Gentlemen, you may ask how and when and in what form this longing for international concord will express itself to some purpose. I will not hazard a guess this evening. Experience has taught me that one must be prudent when one speaks on these questions before one Parliament, and reason suggests that this prudence should be doubled when speaking before two.

Moreover, if we lack modesty and patience, we need only remember that in 1790 an Englishman who (before M. Mill) represented the town of Calais—the famous Conventionnel, Thomas Paine—wrote in a book, which had a great success in France, that England, France, and the United States ought to agree to cut down their naval expenses by half, and devote the money thus economised to old-age pensions for workmen; but the memory of this plea is already distant, so distant that there is more pathos than danger in evoking it.

And if you press me to risk a prophecy on my own account, I can only answer you by a parable which seems a little strange still and obscure. I gleaned it by fragments from the legends of Merlin the magician, from the Arabian Nights, and from a book that is still unread.

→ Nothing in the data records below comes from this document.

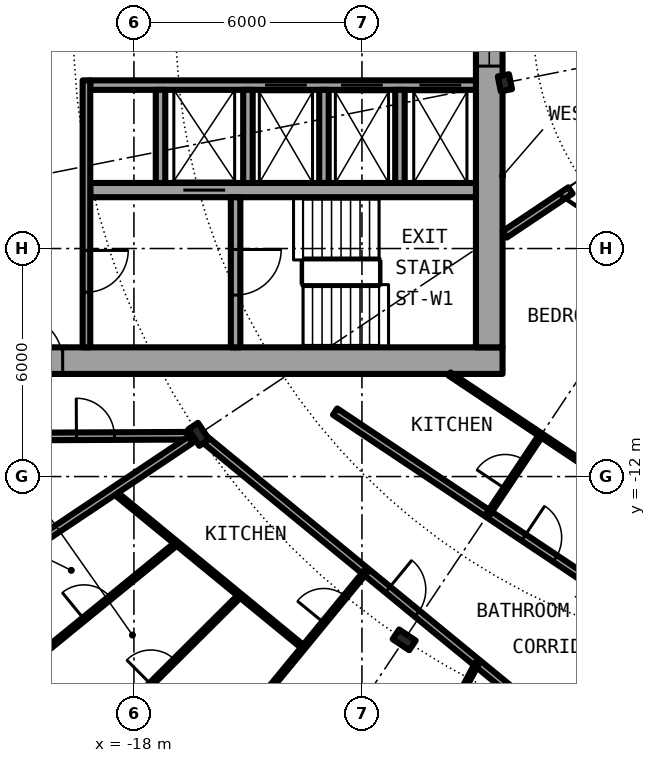
"""IFC4 building model, lengths in metres.
Left out: names, types, materials, properties, quantities, classifications, styles, units other than length and angle.
Written with IfcOpenShell. Run it as: python <this file> out.ifc"""

import sys

from ifc_helpers import new_model, si_unit, direction, frame, frame_2d, origin, origin_2d, place, context, subcontext, project, spatial, rectangle, i_section, extrude, element, fill, save


model = new_model("IFC4")
c1 = context("Model", 3, precision=1e-05, world=origin(), true_north=direction((0.0, 1.0)))
c2 = subcontext(c1, "Body", "Model", "MODEL_VIEW")
j1 = project(units=[si_unit("LENGTHUNIT", "METRE"), si_unit("PLANEANGLEUNIT", "RADIAN")], contexts=[c1])
p1 = place(None, origin())
s1 = spatial("IfcSite", under=j1, at=p1, CompositionType="ELEMENT")
p2 = place(p1, origin())
s2 = spatial("IfcBuilding", under=s1, at=p2, CompositionType="ELEMENT")
p3 = place(p2, frame((0.0, 0.0, 88.0)))
s3 = spatial("IfcBuildingStorey", under=s2, at=p3, CompositionType="ELEMENT", Elevation=88.0)
for number, where, z_axis, x_axis in (
    (1, (-16.297, -10.889, 0.0), (0.0, 0.0, 1.0), (-0.831, -0.556, 0.0)),
    (2, (-10.889, -16.297, 0.0), (0.0, 0.0, 1.0), (-0.556, -0.831, 0.0)),
):
    element("IfcColumn", number, at=place(p3, frame(where, z_axis=z_axis, x_axis=x_axis)), inside=s3, PredefinedType="COLUMN", context=c2, shape_type="SweptSolid", body=[
        extrude(i_section(OverallWidth=0.306, OverallDepth=0.524, WebThickness=0.021, FlangeThickness=0.04, FilletRadius=0.027, at=origin_2d()), origin(), (0.0, 0.0, 1.0), 3.05),
    ])
p4 = place(p3, frame((-8.239, -1.639, 0.0), z_axis=(0.0, 0.0, 1.0), x_axis=(-0.980785280403, -0.195090322016, 0.0)))
e3 = element("IfcColumn", 3, at=p4, inside=s3, PredefinedType="COLUMN", context=c2, shape_type="SweptSolid", body=[
    extrude(i_section(OverallWidth=0.3, OverallDepth=0.4, WebThickness=0.013, FlangeThickness=0.024, FilletRadius=0.027, at=origin_2d()), origin(), (0.0, 0.0, 1.0), 3.05),
])
p5 = place(p3, frame((-22.699, -15.167, 0.0), z_axis=(0.0, 0.0, 1.0), x_axis=(0.634382322723, -0.773019449054, 0.0)))
e4 = element("IfcWall", 4, at=p5, inside=s3, PredefinedType="SOLIDWALL", context=c2, shape_type="SweptSolid", body=[
    extrude(rectangle(XDim=5.352, YDim=0.25, at=frame_2d((2.676, 0.0))), origin(), (0.0, 0.0, 1.0), 2.7),
])
p6 = place(p5, frame((0.841, 0.0, 0.0)))
e5 = element("IfcOpeningElement", 5, at=p6, cuts=e4, PredefinedType="OPENING", context=c2, shape_type="SweptSolid", body=[
    extrude(rectangle(XDim=1.0, YDim=2.2, at=frame_2d((0.5, 1.1))), frame((0.0, 0.135, 0.0), z_axis=(0.0, -1.0, 0.0), x_axis=(1.0, 0.0, 0.0)), (0.0, 0.0, 1.0), 0.27),
])
p7 = place(p5, frame((3.111, 0.0, 0.3)))
e6 = element("IfcOpeningElement", 6, at=p7, cuts=e4, PredefinedType="OPENING", context=c2, shape_type="SweptSolid", body=[
    extrude(rectangle(XDim=1.8, YDim=2.1, at=frame_2d((0.9, 1.05))), frame((0.0, 0.135, 0.0), z_axis=(0.0, -1.0, 0.0), x_axis=(1.0, 0.0, 0.0)), (0.0, 0.0, 1.0), 0.27),
])
p8 = place(p3, frame((-22.3, -8.95, 0.0), z_axis=(0.0, 0.0, 1.0), x_axis=(1.0, 0.0, 0.0)))
e7 = element("IfcWall", 7, at=p8, inside=s3, PredefinedType="SHEAR", context=c2, shape_type="SweptSolid", body=[
    extrude(rectangle(XDim=14.0, YDim=0.7, at=frame_2d((7.0, 0.0))), origin(), (0.0, 0.0, 1.0), 3.05),
])
p9 = place(p8, frame((1.225, 0.0, 0.0)))
e8 = element("IfcOpeningElement", 8, at=p9, cuts=e7, PredefinedType="OPENING", context=c2, shape_type="SweptSolid", body=[
    extrude(rectangle(XDim=1.2, YDim=2.3, at=frame_2d((0.6, 1.15))), frame((0.0, 0.36, 0.0), z_axis=(0.0, -1.0, 0.0), x_axis=(1.0, 0.0, 0.0)), (0.0, 0.0, 1.0), 0.72),
])
p10 = place(p3, frame((-8.65, 8.6, 0.0), z_axis=(0.0, 0.0, 1.0), x_axis=(0.0, -1.0, 0.0)))
e9 = element("IfcWall", 9, at=p10, inside=s3, PredefinedType="SHEAR", context=c2, shape_type="SweptSolid", body=[
    extrude(rectangle(XDim=17.2, YDim=0.7, at=frame_2d((8.6, 0.0))), origin(), (0.0, 0.0, 1.0), 3.05),
])
p11 = place(p10, frame((7.4, 0.0, 0.1)))
e10 = element("IfcOpeningElement", 10, at=p11, cuts=e9, PredefinedType="OPENING", context=c2, shape_type="SweptSolid", body=[
    extrude(rectangle(XDim=2.4, YDim=2.2, at=frame_2d((1.2, 1.1))), frame((0.0, 0.36, 0.0), z_axis=(0.0, -1.0, 0.0), x_axis=(1.0, 0.0, 0.0)), (0.0, 0.0, 1.0), 0.72),
])
p12 = place(p3, frame((-9.0, -1.7, 0.0), z_axis=(0.0, 0.0, 1.0), x_axis=(-1.0, 0.0, 0.0)))
e11 = element("IfcWall", 11, at=p12, inside=s3, PredefinedType="SHEAR", context=c2, shape_type="SweptSolid", body=[
    extrude(rectangle(XDim=10.15, YDim=0.25, at=frame_2d((5.075, 0.0))), origin(), (0.0, 0.0, 1.0), 3.05),
])
p13 = place(p12, frame((0.387, 0.0, 0.0)))
e12 = element("IfcOpeningElement", 12, at=p13, cuts=e11, PredefinedType="OPENING", context=c2, shape_type="SweptSolid", body=[
    extrude(rectangle(XDim=1.1, YDim=2.3, at=frame_2d((0.55, 1.15))), frame((0.0, 0.135, 0.0), z_axis=(0.0, -1.0, 0.0), x_axis=(1.0, 0.0, 0.0)), (0.0, 0.0, 1.0), 0.27),
])
p14 = place(p12, frame((2.45, 0.0, 0.0)))
e13 = element("IfcOpeningElement", 13, at=p14, cuts=e11, PredefinedType="OPENING", context=c2, shape_type="SweptSolid", body=[
    extrude(rectangle(XDim=1.1, YDim=2.3, at=frame_2d((0.55, 1.15))), frame((0.0, 0.135, 0.0), z_axis=(0.0, -1.0, 0.0), x_axis=(1.0, 0.0, 0.0)), (0.0, 0.0, 1.0), 0.27),
])
p15 = place(p12, frame((4.45, 0.0, 0.0)))
e14 = element("IfcOpeningElement", 14, at=p15, cuts=e11, PredefinedType="OPENING", context=c2, shape_type="SweptSolid", body=[
    extrude(rectangle(XDim=1.1, YDim=2.3, at=frame_2d((0.55, 1.15))), frame((0.0, 0.135, 0.0), z_axis=(0.0, -1.0, 0.0), x_axis=(1.0, 0.0, 0.0)), (0.0, 0.0, 1.0), 0.27),
])
p16 = place(p3, frame((-9.0, -4.462, 0.0), z_axis=(0.0, 0.0, 1.0), x_axis=(-1.0, 0.0, 0.0)))
e15 = element("IfcWall", 15, at=p16, inside=s3, PredefinedType="SHEAR", context=c2, shape_type="SweptSolid", body=[
    extrude(rectangle(XDim=10.15, YDim=0.375, at=frame_2d((5.075, 0.0))), origin(), (0.0, 0.0, 1.0), 3.05),
])
p17 = place(p16, frame((6.6, 0.0, 0.0)))
e16 = element("IfcOpeningElement", 16, at=p17, cuts=e15, PredefinedType="OPENING", context=c2, shape_type="SweptSolid", body=[
    extrude(rectangle(XDim=1.1, YDim=2.3, at=frame_2d((0.55, 1.15))), frame((0.0, 0.198, 0.0), z_axis=(0.0, -1.0, 0.0), x_axis=(1.0, 0.0, 0.0)), (0.0, 0.0, 1.0), 0.395),
])
p18 = place(p3, frame((-15.325, -4.65, 0.0), z_axis=(0.0, 0.0, 1.0), x_axis=(0.0, -1.0, 0.0)))
e17 = element("IfcWall", 17, at=p18, inside=s3, PredefinedType="SHEAR", context=c2, shape_type="SweptSolid", body=[
    extrude(rectangle(XDim=3.95, YDim=0.25, at=frame_2d((1.975, 0.0))), origin(), (0.0, 0.0, 1.0), 3.05),
])
p19 = place(p18, frame((1.375, 0.0, 0.0)))
e18 = element("IfcOpeningElement", 18, at=p19, cuts=e17, PredefinedType="OPENING", context=c2, shape_type="SweptSolid", body=[
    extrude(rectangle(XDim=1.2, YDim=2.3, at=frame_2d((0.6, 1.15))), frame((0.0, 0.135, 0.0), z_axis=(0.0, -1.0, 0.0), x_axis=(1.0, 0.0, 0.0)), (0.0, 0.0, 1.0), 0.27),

Once upon a time there was an enchanted forest. It had been stripped of all verdure, it was wild and forbidding. The trees, tossed by the bitter winter wind that never ceased, struck one another with a sound as of breaking swords. When at last, after a long series of freezing nights and sunless days that seemed like nights, all living things trembled with the first call of spring, the trees became afraid of the sap that began to move within them. And the solitary and bitter spirit that had its dwelling within the hard bark of each of them said very low, with a shudder that came up from the deepest roots: "Have a care! If thou art the first to risk yielding to the wooing of the new season, if thou art the first to turn thy lance-like buds into blossoms and leaves, their delicate raiment will be torn by the rough blows of the trees that have been slower to put forth leaves and flowers."

And the proud and melancholy spirit that was shut up within the great Druidical oak spoke to its tree with peculiar insistence: "And wilt thou, too, seek to join the universal love-feast, thou whose noble branches have been broken by the storm?"

Thus, in the enchanted forest, mutual distrust drove back the sap, and prolonged the death-like winter even after the call of spring.

What happened at last? By what mysterious influence was the grim charm broken? Did some tree find the courage to act alone, like those April poplars that break into a shower of verdure and give from afar the signal for a renewal of all life? Or did a warmer and more life-giving beam start the sap moving in all the trees at once? For lo! in a single day the whole forest burst forth into a magnificent flowering of joy and peace. (Applause.)

Gentlemen, if you will allow me to fit my toast to this old allegory, and to give it before you and with you the form of an invocation to Nature, I will drink to the sunbeam that charmed the whole forest into bloom.

These admirable words were greeted by a burst of enthusiasm. Friends and opponents alike came up to congratulate the Socialist leader.

(Extract from the report of the visit of the group of English members of Parliament to Paris.)

  1. Delivered on November 26, 1903.